A Kodak bankruptcy and a scenario where the film division is a troubled asset unable to find operational purchaser sends shockwaves through the remaining film producers and all those who depend on film processing, distribution, etc. It sends a signal to all creditors of Fujifilm, Ilford, and any other company making film that the market is in decline and your credit availability is under scrutiny. It sends a signal to all who extend credit to small photofinishing shops.
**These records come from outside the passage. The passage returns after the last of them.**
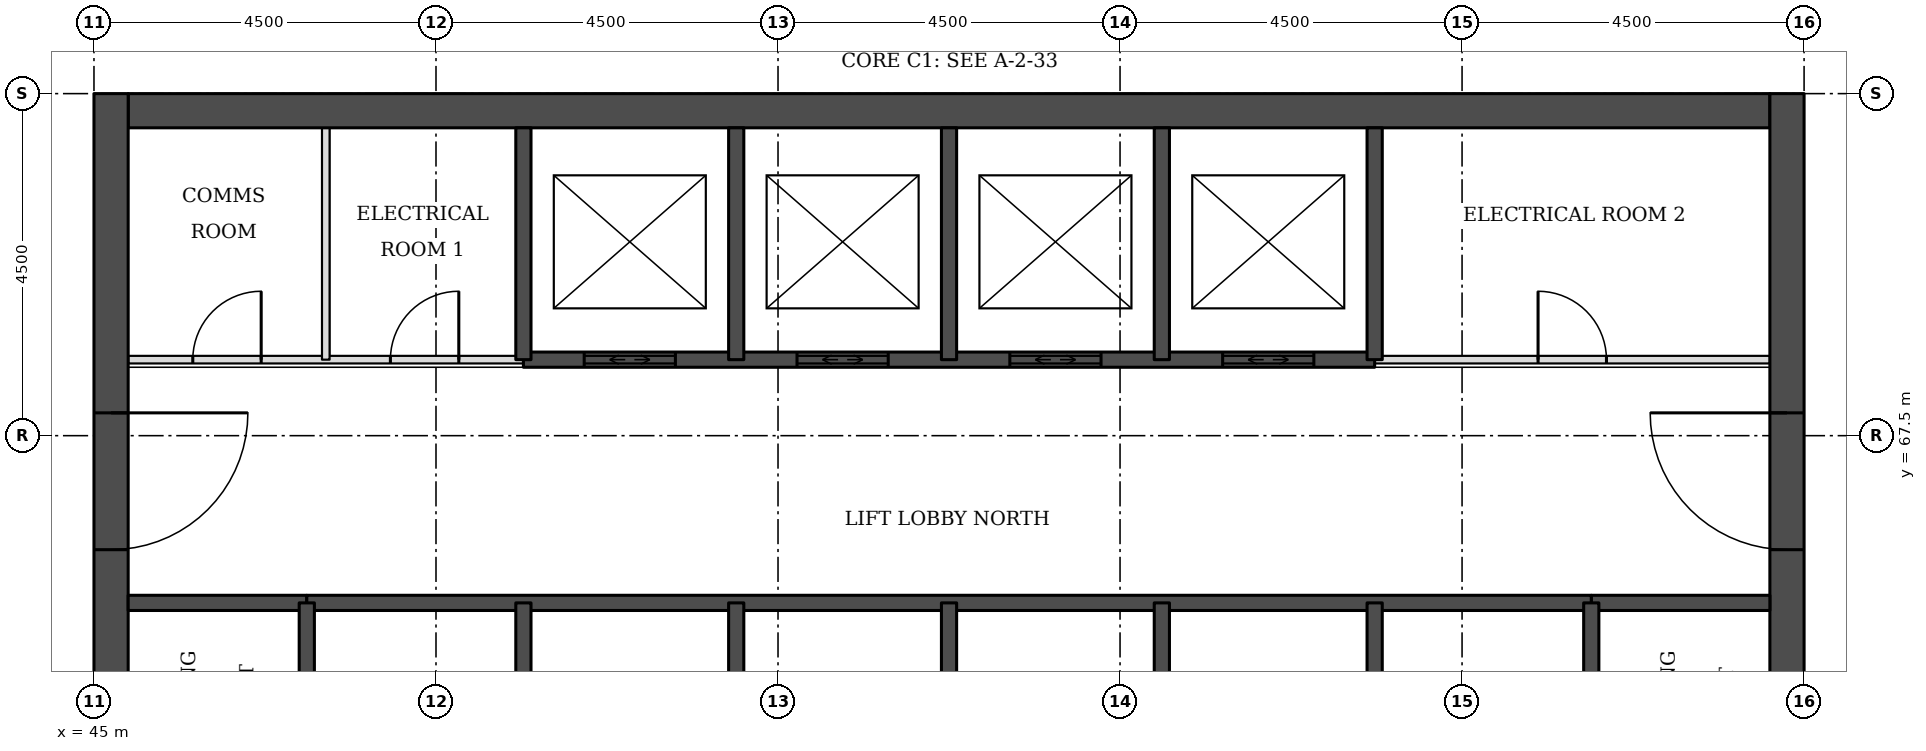
"""IFC4 building model, lengths in metres.
Left out: names, types, materials, properties, quantities, classifications, styles, units other than length and angle.
Written with IfcOpenShell. Run it as: python <this file> out.ifc"""

import sys

from ifc_helpers import new_model, si_unit, direction, frame, frame_2d, origin, place, context, subcontext, project, spatial, rectangle, extrude, element, fill, save


model = new_model("IFC4")
c1 = context("Model", 3, precision=1e-05, world=origin(), true_north=direction((0.0, 1.0)))
c2 = subcontext(c1, "Body", "Model", "MODEL_VIEW")
j1 = project(units=[si_unit("LENGTHUNIT", "METRE"), si_unit("PLANEANGLEUNIT", "RADIAN")], contexts=[c1])
p1 = place(None, origin())
s1 = spatial("IfcSite", under=j1, at=p1, CompositionType="ELEMENT")
p2 = place(p1, origin())
s2 = spatial("IfcBuilding", under=s1, at=p2, CompositionType="ELEMENT")
p3 = place(p2, frame((0.0, 0.0, 127.0)))
s3 = spatial("IfcBuildingStorey", under=s2, at=p3, CompositionType="ELEMENT", Elevation=127.0)
p4 = place(p3, frame((45.45, 71.775, 0.0), z_axis=(0.0, 0.0, 1.0), x_axis=(1.0, 0.0, 0.0)))
e1 = element("IfcWall", 1, at=p4, inside=s3, PredefinedType="SHEAR", context=c2, shape_type="SweptSolid", body=[
    extrude(rectangle(XDim=21.6, YDim=0.45, at=frame_2d((10.8, 0.0))), origin(), (0.0, 0.0, 1.0), 3.7),
])
p5 = place(p3, frame((45.225, 49.5, 0.0), z_axis=(0.0, 0.0, 1.0), x_axis=(0.0, 1.0, 0.0)))
e2 = element("IfcWall", 2, at=p5, inside=s3, PredefinedType="SHEAR", context=c2, shape_type="SweptSolid", body=[
    extrude(rectangle(XDim=22.5, YDim=0.45, at=frame_2d((11.25, 0.0))), origin(), (0.0, 0.0, 1.0), 3.7),
])
p6 = place(p5, frame((4.2, 0.0, 0.0)))
e3 = element("IfcOpeningElement", 3, at=p6, cuts=e2, PredefinedType="OPENING", context=c2, shape_type="SweptSolid", body=[
    extrude(rectangle(XDim=1.8, YDim=2.1, at=frame_2d((0.9, 1.05))), frame((0.0, 0.235, 0.0), z_axis=(0.0, -1.0, 0.0), x_axis=(1.0, 0.0, 0.0)), (0.0, 0.0, 1.0), 0.47),
])
p7 = place(p5, frame((6.9, 0.0, 0.0)))
e4 = element("IfcOpeningElement", 4, at=p7, cuts=e2, PredefinedType="OPENING", context=c2, shape_type="SweptSolid", body=[
    extrude(rectangle(XDim=1.1, YDim=2.1, at=frame_2d((0.55, 1.05))), frame((0.0, 0.235, 0.0), z_axis=(0.0, -1.0, 0.0), x_axis=(1.0, 0.0, 0.0)), (0.0, 0.0, 1.0), 0.47),
])
p8 = place(p5, frame((13.6, 0.0, 0.0)))
e5 = element("IfcOpeningElement", 5, at=p8, cuts=e2, PredefinedType="OPENING", context=c2, shape_type="SweptSolid", body=[
    extrude(rectangle(XDim=1.1, YDim=2.1, at=frame_2d((0.55, 1.05))), frame((0.0, 0.235, 0.0), z_axis=(0.0, -1.0, 0.0), x_axis=(1.0, 0.0, 0.0)), (0.0, 0.0, 1.0), 0.47),
])
p9 = place(p5, frame((16.5, 0.0, 0.0)))
e6 = element("IfcOpeningElement", 6, at=p9, cuts=e2, PredefinedType="OPENING", context=c2, shape_type="SweptSolid", body=[
    extrude(rectangle(XDim=1.8, YDim=2.1, at=frame_2d((0.9, 1.05))), frame((0.0, 0.235, 0.0), z_axis=(0.0, -1.0, 0.0), x_axis=(1.0, 0.0, 0.0)), (0.0, 0.0, 1.0), 0.47),
])
p10 = place(p3, frame((67.275, 49.5, 0.0), z_axis=(0.0, 0.0, 1.0), x_axis=(0.0, 1.0, 0.0)))
e7 = element("IfcWall", 7, at=p10, inside=s3, PredefinedType="SHEAR", context=c2, shape_type="SweptSolid", body=[
    extrude(rectangle(XDim=22.5, YDim=0.45, at=frame_2d((11.25, 0.0))), origin(), (0.0, 0.0, 1.0), 3.7),
])
p11 = place(p10, frame((4.2, 0.0, 0.0)))
e8 = element("IfcOpeningElement", 8, at=p11, cuts=e7, PredefinedType="OPENING", context=c2, shape_type="SweptSolid", body=[
    extrude(rectangle(XDim=1.8, YDim=2.1, at=frame_2d((0.9, 1.05))), frame((0.0, 0.235, 0.0), z_axis=(0.0, -1.0, 0.0), x_axis=(1.0, 0.0, 0.0)), (0.0, 0.0, 1.0), 0.47),
])
p12 = place(p10, frame((6.9, 0.0, 0.0)))
e9 = element("IfcOpeningElement", 9, at=p12, cuts=e7, PredefinedType="OPENING", context=c2, shape_type="SweptSolid", body=[
    extrude(rectangle(XDim=1.1, YDim=2.1, at=frame_2d((0.55, 1.05))), frame((0.0, 0.235, 0.0), z_axis=(0.0, -1.0, 0.0), x_axis=(1.0, 0.0, 0.0)), (0.0, 0.0, 1.0), 0.47),
])
p13 = place(p10, frame((13.6, 0.0, 0.0)))
e10 = element("IfcOpeningElement", 10, at=p13, cuts=e7, PredefinedType="OPENING", context=c2, shape_type="SweptSolid", body=[
    extrude(rectangle(XDim=1.1, YDim=2.1, at=frame_2d((0.55, 1.05))), frame((0.0, 0.235, 0.0), z_axis=(0.0, -1.0, 0.0), x_axis=(1.0, 0.0, 0.0)), (0.0, 0.0, 1.0), 0.47),
])
p14 = place(p10, frame((16.5, 0.0, 0.0)))
e11 = element("IfcOpeningElement", 11, at=p14, cuts=e7, PredefinedType="OPENING", context=c2, shape_type="SweptSolid", body=[
    extrude(rectangle(XDim=1.8, YDim=2.1, at=frame_2d((0.9, 1.05))), frame((0.0, 0.235, 0.0), z_axis=(0.0, -1.0, 0.0), x_axis=(1.0, 0.0, 0.0)), (0.0, 0.0, 1.0), 0.47),
])
for number, where, z_axis, x_axis in (
    (12, (45.45, 65.3, 0.0), (0.0, 0.0, 1.0), (1.0, 0.0, 0.0)),
    (13, (64.7, 65.3, 0.0), (0.0, 0.0, 1.0), (1.0, 0.0, 0.0)),
):
    element("IfcWall", number, at=place(p3, frame(where, z_axis=z_axis, x_axis=x_axis)), inside=s3, PredefinedType="SOLIDWALL", context=c2, shape_type="SweptSolid", body=[
        extrude(rectangle(XDim=2.35, YDim=0.2, at=frame_2d((1.175, 0.0))), origin(), (0.0, 0.0, 1.0), 3.55),
    ])
p15 = place(p3, frame((47.8, 65.3, 0.0), z_axis=(0.0, 0.0, 1.0), x_axis=(1.0, 0.0, 0.0)))
e14 = element("IfcWall", 14, at=p15, inside=s3, PredefinedType="SOLIDWALL", context=c2, shape_type="SweptSolid", body=[
    extrude(rectangle(XDim=16.9, YDim=0.2, at=frame_2d((8.45, 0.0))), origin(), (0.0, 0.0, 1.0), 3.55),
])
p16 = place(p3, frame((45.45, 68.5, 0.0), z_axis=(0.0, 0.0, 1.0), x_axis=(1.0, 0.0, 0.0)))
e15 = element("IfcWall", 15, at=p16, inside=s3, PredefinedType="PARTITIONING", context=c2, shape_type="SweptSolid", body=[
    extrude(rectangle(XDim=5.2, YDim=0.1, at=frame_2d((2.6, 0.0))), origin(), (0.0, 0.0, 1.0), 3.55),
])
p17 = place(p16, frame((0.85, 0.0, 0.0)))
e16 = element("IfcOpeningElement", 16, at=p17, cuts=e15, PredefinedType="OPENING", context=c2, shape_type="SweptSolid", body=[
    extrude(rectangle(XDim=0.9, YDim=2.1, at=frame_2d((0.45, 1.05))), frame((0.0, 0.06, 0.0), z_axis=(0.0, -1.0, 0.0), x_axis=(1.0, 0.0, 0.0)), (0.0, 0.0, 1.0), 0.12),
])
p18 = place(p16, frame((3.45, 0.0, 0.0)))
e17 = element("IfcOpeningElement", 17, at=p18, cuts=e15, PredefinedType="OPENING", context=c2, shape_type="SweptSolid", body=[
    extrude(rectangle(XDim=0.9, YDim=2.1, at=frame_2d((0.45, 1.05))), frame((0.0, 0.06, 0.0), z_axis=(0.0, -1.0, 0.0), x_axis=(1.0, 0.0, 0.0)), (0.0, 0.0, 1.0), 0.12),
])
p19 = place(p3, frame((61.85, 68.5, 0.0), z_axis=(0.0, 0.0, 1.0), x_axis=(1.0, 0.0, 0.0)))
e18 = element("IfcWall", 18, at=p19, inside=s3, PredefinedType="PARTITIONING", context=c2, shape_type="SweptSolid", body=[
    extrude(rectangle(XDim=5.2, YDim=0.1, at=frame_2d((2.6, 0.0))), origin(), (0.0, 0.0, 1.0), 3.55),
])
p20 = place(p19, frame((2.15, 0.0, 0.0)))
e19 = element("IfcOpeningElement", 19, at=p20, cuts=e18, PredefinedType="OPENING", context=c2, shape_type="SweptSolid", body=[
    extrude(rectangle(XDim=0.9, YDim=2.1, at=frame_2d((0.45, 1.05))), frame((0.0, 0.06, 0.0), z_axis=(0.0, -1.0, 0.0), x_axis=(1.0, 0.0, 0.0)), (0.0, 0.0, 1.0), 0.12),
])
p21 = place(p3, frame((50.65, 68.5, 0.0), z_axis=(0.0, 0.0, 1.0), x_axis=(1.0, 0.0, 0.0)))
e20 = element("IfcWall", 20, at=p21, inside=s3, PredefinedType="SOLIDWALL", context=c2, shape_type="SweptSolid", body=[
    extrude(rectangle(XDim=11.2, YDim=0.2, at=frame_2d((5.6, 0.0))), origin(), (0.0, 0.0, 1.0), 3.55),
])
p22 = place(p21, frame((0.8, 0.0, 0.0)))
e21 = element("IfcOpeningElement", 21, at=p22, cuts=e20, PredefinedType="OPENING", context=c2, shape_type="SweptSolid", body=[
    extrude(rectangle(XDim=1.2, YDim=2.1, at=frame_2d((0.6, 1.05))), frame((0.0, 0.11, 0.0), z_axis=(0.0, -1.0, 0.0), x_axis=(1.0, 0.0, 0.0)), (0.0, 0.0, 1.0), 0.22),
])
p23 = place(p21, frame((3.6, 0.0, 0.0)))
e22 = element("IfcOpeningElement", 22, at=p23, cuts=e20, PredefinedType="OPENING", context=c2, shape_type="SweptSolid", body=[
    extrude(rectangle(XDim=1.2, YDim=2.1, at=frame_2d((0.6, 1.05))), frame((0.0, 0.11, 0.0), z_axis=(0.0, -1.0, 0.0), x_axis=(1.0, 0.0, 0.0)), (0.0, 0.0, 1.0), 0.22),
])
p24 = place(p21, frame((6.4, 0.0, 0.0)))
e23 = element("IfcOpeningElement", 23, at=p24, cuts=e20, PredefinedType="OPENING", context=c2, shape_type="SweptSolid", body=[
    extrude(rectangle(XDim=1.2, YDim=2.1, at=frame_2d((0.6, 1.05))), frame((0.0, 0.11, 0.0), z_axis=(0.0, -1.0, 0.0), x_axis=(1.0, 0.0, 0.0)), (0.0, 0.0, 1.0), 0.22),
])
p25 = place(p21, frame((9.2, 0.0, 0.0)))
e24 = element("IfcOpeningElement", 24, at=p25, cuts=e20, PredefinedType="OPENING", context=c2, shape_type="SweptSolid", body=[
    extrude(rectangle(XDim=1.2, YDim=2.1, at=frame_2d((0.6, 1.05))), frame((0.0, 0.11, 0.0), z_axis=(0.0, -1.0, 0.0), x_axis=(1.0, 0.0, 0.0)), (0.0, 0.0, 1.0), 0.22),
])
p26 = place(p3, frame((47.8, 62.0, 0.0), z_axis=(0.0, 0.0, 1.0), x_axis=(0.0, 1.0, 0.0)))
e25 = element("IfcWall", 25, at=p26, inside=s3, PredefinedType="SOLIDWALL", context=c2, shape_type="SweptSolid", body=[
    extrude(rectangle(XDim=3.3, YDim=0.2, at=frame_2d((1.65, 0.0))), origin(), (0.0, 0.0, 1.0), 3.55),
])
p27 = place(p26, frame((1.1, 0.0, 0.0)))
e26 = element("IfcOpeningElement", 26, at=p27, cuts=e25, PredefinedType="OPENING", context=c2, shape_type="SweptSolid", body=[
    extrude(rectangle(XDim=1.1, YDim=2.1, at=frame_2d((0.55, 1.05))), frame((0.0, 0.11, 0.0), z_axis=(0.0, -1.0, 0.0), x_axis=(1.0, 0.0, 0.0)), (0.0, 0.0, 1.0), 0.22),
])
p28 = place(p3, frame((48.05, 68.5, 0.0), z_axis=(0.0, 0.0, 1.0), x_axis=(0.0, 1.0, 0.0)))
e27 = element("IfcWall", 27, at=p28, inside=s3, PredefinedType="PARTITIONING", context=c2, shape_type="SweptSolid", body=[
    extrude(rectangle(XDim=3.05, YDim=0.1, at=frame_2d((1.525, 0.0))), origin(), (0.0, 0.0, 1.0), 3.55),
])
p29 = place(p3, frame((50.65, 62.0, 0.0), z_axis=(0.0, 0.0, 1.0), x_axis=(0.0, 1.0, 0.0)))
e28 = element("IfcWall", 28, at=p29, inside=s3, PredefinedType="SOLIDWALL", context=c2, shape_type="SweptSolid", body=[
    extrude(rectangle(XDim=3.3, YDim=0.2, at=frame_2d((1.65, 0.0))), origin(), (0.0, 0.0, 1.0), 3.55),
])
p30 = place(p3, frame((50.65, 68.5, 0.0), z_axis=(0.0, 0.0, 1.0), x_axis=(0.0, 1.0, 0.0)))
e29 = element("IfcWall", 29, at=p30, inside=s3, PredefinedType="SOLIDWALL", context=c2, shape_type="SweptSolid", body=[
    extrude(rectangle(XDim=3.05, YDim=0.2, at=frame_2d((1.525, 0.0))), origin(), (0.0, 0.0, 1.0), 3.55),
])
p31 = place(p3, frame((53.45, 62.5, 0.0), z_axis=(0.0, 0.0, 1.0), x_axis=(0.0, 1.0, 0.0)))
e30 = element("IfcWall", 30, at=p31, inside=s3, PredefinedType="SOLIDWALL", context=c2, shape_type="SweptSolid", body=[
    extrude(rectangle(XDim=2.8, YDim=0.2, at=frame_2d((1.4, 0.0))), origin(), (0.0, 0.0, 1.0), 3.55),
])
p32 = place(p3, frame((53.45, 68.5, 0.0), z_axis=(0.0, 0.0, 1.0), x_axis=(0.0, 1.0, 0.0)))
e31 = element("IfcWall", 31, at=p32, inside=s3, PredefinedType="SOLIDWALL", context=c2, shape_type="SweptSolid", body=[
    extrude(rectangle(XDim=3.05, YDim=0.2, at=frame_2d((1.525, 0.0))), origin(), (0.0, 0.0, 1.0), 3.55),
])
p33 = place(p3, frame((56.25, 62.5, 0.0), z_axis=(0.0, 0.0, 1.0), x_axis=(0.0, 1.0, 0.0)))
e32 = element("IfcWall", 32, at=p33, inside=s3, PredefinedType="SOLIDWALL", context=c2, shape_type="SweptSolid", body=[
    extrude(rectangle(XDim=2.8, YDim=0.2, at=frame_2d((1.4, 0.0))), origin(), (0.0, 0.0, 1.0), 3.55),
])
p34 = place(p3, frame((56.25, 68.5, 0.0), z_axis=(0.0, 0.0, 1.0), x_axis=(0.0, 1.0, 0.0)))
e33 = element("IfcWall", 33, at=p34, inside=s3, PredefinedType="SOLIDWALL", context=c2, shape_type="SweptSolid", body=[
    extrude(rectangle(XDim=3.05, YDim=0.2, at=frame_2d((1.525, 0.0))), origin(), (0.0, 0.0, 1.0), 3.55),
])
p35 = place(p3, frame((59.05, 62.5, 0.0), z_axis=(0.0, 0.0, 1.0), x_axis=(0.0, 1.0, 0.0)))
e34 = element("IfcWall", 34, at=p35, inside=s3, PredefinedType="SOLIDWALL", context=c2, shape_type="SweptSolid", body=[
    extrude(rectangle(XDim=2.8, YDim=0.2, at=frame_2d((1.4, 0.0))), origin(), (0.0, 0.0, 1.0), 3.55),
])
p36 = place(p3, frame((59.05, 68.5, 0.0), z_axis=(0.0, 0.0, 1.0), x_axis=(0.0, 1.0, 0.0)))
e35 = element("IfcWall", 35, at=p36, inside=s3, PredefinedType="SOLIDWALL", context=c2, shape_type="SweptSolid", body=[
    extrude(rectangle(XDim=3.05, YDim=0.2, at=frame_2d((1.525, 0.0))), origin(), (0.0, 0.0, 1.0), 3.55),
])
p37 = place(p3, frame((61.85, 62.0, 0.0), z_axis=(0.0, 0.0, 1.0), x_axis=(0.0, 1.0, 0.0)))
e36 = element("IfcWall", 36, at=p37, inside=s3, PredefinedType="SOLIDWALL", context=c2, shape_type="SweptSolid", body=[
    extrude(rectangle(XDim=3.3, YDim=0.2, at=frame_2d((1.65, 0.0))), origin(), (0.0, 0.0, 1.0), 3.55),
])
p38 = place(p3, frame((61.85, 68.5, 0.0), z_axis=(0.0, 0.0, 1.0), x_axis=(0.0, 1.0, 0.0)))
e37 = element("IfcWall", 37, at=p38, inside=s3, PredefinedType="SOLIDWALL", context=c2, shape_type="SweptSolid", body=[
    extrude(rectangle(XDim=3.05, YDim=0.2, at=frame_2d((1.525, 0.0))), origin(), (0.0, 0.0, 1.0), 3.55),
])
p39 = place(p3, frame((64.7, 62.0, 0.0), z_axis=(0.0, 0.0, 1.0), x_axis=(0.0, 1.0, 0.0)))
e38 = element("IfcWall", 38, at=p39, inside=s3, PredefinedType="SOLIDWALL", context=c2, shape_type="SweptSolid", body=[
    extrude(rectangle(XDim=3.3, YDim=0.2, at=frame_2d((1.65, 0.0))), origin(), (0.0, 0.0, 1.0), 3.55),
])
p40 = place(p39, frame((1.1, 0.0, 0.0)))
e39 = element("IfcOpeningElement", 39, at=p40, cuts=e38, PredefinedType="OPENING", context=c2, shape_type="SweptSolid", body=[
    extrude(rectangle(XDim=1.1, YDim=2.1, at=frame_2d((0.55, 1.05))), frame((0.0, 0.11, 0.0), z_axis=(0.0, -1.0, 0.0), x_axis=(1.0, 0.0, 0.0)), (0.0, 0.0, 1.0), 0.22),
])
p41 = place(p22, origin())
e40 = element("IfcDoor", 40, at=p41, inside=s3, OperationType="DOUBLE_DOOR_SLIDING", PredefinedType="DOOR", context=c2, shape_type="SweptSolid", body=[
    extrude(rectangle(XDim=1.2, YDim=2.1, at=frame_2d((0.6, 1.05))), frame((0.0, 0.025, 0.0), z_axis=(0.0, -1.0, 0.0), x_axis=(1.0, 0.0, 0.0)), (0.0, 0.0, 1.0), 0.05),
])
fill(e21, e40)
p42 = place(p23, origin())
e41 = element("IfcDoor", 41, at=p42, inside=s3, OperationType="DOUBLE_DOOR_SLIDING", PredefinedType="DOOR", context=c2, shape_type="SweptSolid", body=[
    extrude(rectangle(XDim=1.2, YDim=2.1, at=frame_2d((0.6, 1.05))), frame((0.0, 0.025, 0.0), z_axis=(0.0, -1.0, 0.0), x_axis=(1.0, 0.0, 0.0)), (0.0, 0.0, 1.0), 0.05),
])
fill(e22, e41)
p43 = place(p24, origin())
e42 = element("IfcDoor", 42, at=p43, inside=s3, OperationType="DOUBLE_DOOR_SLIDING", PredefinedType="DOOR", context=c2, shape_type="SweptSolid", body=[
    extrude(rectangle(XDim=1.2, YDim=2.1, at=frame_2d((0.6, 1.05))), frame((0.0, 0.025, 0.0), z_axis=(0.0, -1.0, 0.0), x_axis=(1.0, 0.0, 0.0)), (0.0, 0.0, 1.0), 0.05),
])
fill(e23, e42)
p44 = place(p25, origin())
e43 = element("IfcDoor", 43, at=p44, inside=s3, OperationType="DOUBLE_DOOR_SLIDING", PredefinedType="DOOR", context=c2, shape_type="SweptSolid", body=[
    extrude(rectangle(XDim=1.2, YDim=2.1, at=frame_2d((0.6, 1.05))), frame((0.0, 0.025, 0.0), z_axis=(0.0, -1.0, 0.0), x_axis=(1.0, 0.0, 0.0)), (0.0, 0.0, 1.0), 0.05),
])
fill(e24, e43)
p45 = place(p9, frame((1.8, 0.0, 0.0), z_axis=(0.0, 0.0, 1.0), x_axis=(-1.0, 0.0, 0.0)))
e44 = element("IfcDoor", 44, at=p45, inside=s3, OperationType="SINGLE_SWING_LEFT", PredefinedType="DOOR", context=c2, shape_type="SweptSolid", body=[
    extrude(rectangle(XDim=1.8, YDim=2.1, at=frame_2d((0.9, 1.05))), frame((0.0, 0.025, 0.0), z_axis=(0.0, -1.0, 0.0), x_axis=(1.0, 0.0, 0.0)), (0.0, 0.0, 1.0), 0.05),
])
fill(e6, e44)
p46 = place(p14, origin())
e45 = element("IfcDoor", 45, at=p46, inside=s3, OperationType="SINGLE_SWING_RIGHT", PredefinedType="DOOR", context=c2, shape_type="SweptSolid", body=[
    extrude(rectangle(XDim=1.8, YDim=2.1, at=frame_2d((0.9, 1.05))), frame((0.0, 0.025, 0.0), z_axis=(0.0, -1.0, 0.0), x_axis=(1.0, 0.0, 0.0)), (0.0, 0.0, 1.0), 0.05),
])
fill(e11, e45)
p47 = place(p20, origin())
e46 = element("IfcDoor", 46, at=p47, inside=s3, OperationType="SINGLE_SWING_LEFT", PredefinedType="DOOR", context=c2, shape_type="SweptSolid", body=[
    extrude(rectangle(XDim=0.9, YDim=2.1, at=frame_2d((0.45, 1.05))), frame((0.0, 0.025, 0.0), z_axis=(0.0, -1.0, 0.0), x_axis=(1.0, 0.0, 0.0)), (0.0, 0.0, 1.0), 0.05),
])
fill(e19, e46)
p48 = place(p17, origin())
e47 = element("IfcDoor", 47, at=p48, inside=s3, OperationType="SINGLE_SWING_RIGHT", PredefinedType="DOOR", context=c2, shape_type="SweptSolid", body=[
    extrude(rectangle(XDim=0.9, YDim=2.1, at=frame_2d((0.45, 1.05))), frame((0.0, 0.025, 0.0), z_axis=(0.0, -1.0, 0.0), x_axis=(1.0, 0.0, 0.0)), (0.0, 0.0, 1.0), 0.05),
])
fill(e16, e47)
p49 = place(p18, origin())
e48 = element("IfcDoor", 48, at=p49, inside=s3, OperationType="SINGLE_SWING_RIGHT", PredefinedType="DOOR", context=c2, shape_type="SweptSolid", body=[
    extrude(rectangle(XDim=0.9, YDim=2.1, at=frame_2d((0.45, 1.05))), frame((0.0, 0.025, 0.0), z_axis=(0.0, -1.0, 0.0), x_axis=(1.0, 0.0, 0.0)), (0.0, 0.0, 1.0), 0.05),
])
fill(e17, e48)
save(model, sys.argv[1])

It sends a credit risk signal to all suppliers of anything to do with analog film production and processing, period.

Any new creditors are going to be looking for the razor manufacturers as well, not just satisfied to keep lending money or extending credit to a guy making razor blades. Fuji is probably immune as they have almost entirely transitioned their biz to digital, but Ilford may struggle even if they gain some Kodak customers.

Someone used a car analogy. If I wanted to start a company making parts to go into biz making parts for pre-1980 Mustangs and Corvettes, my creditor is going to check to see how many of those vintage cars exist on the current market and what the depreciation is. If they see my market is a continually shrinking market, I will not get very limited credit. In short, the whole analog film business could be credit-starved (like greece) because of what is sign on with Kodak.

I focus on the lack of a coherent film/camera/processing dynamic because the Kodak shockwave is what every creditor throughout the industry is now going to zero in on. Even Mom & Pop photo labs clinging to a core market may feel the repercussions from this if they need to buy a refurbished Fuji Frontier on credit and such.

That's where I am coming from. It's my perspective because I have a background in this.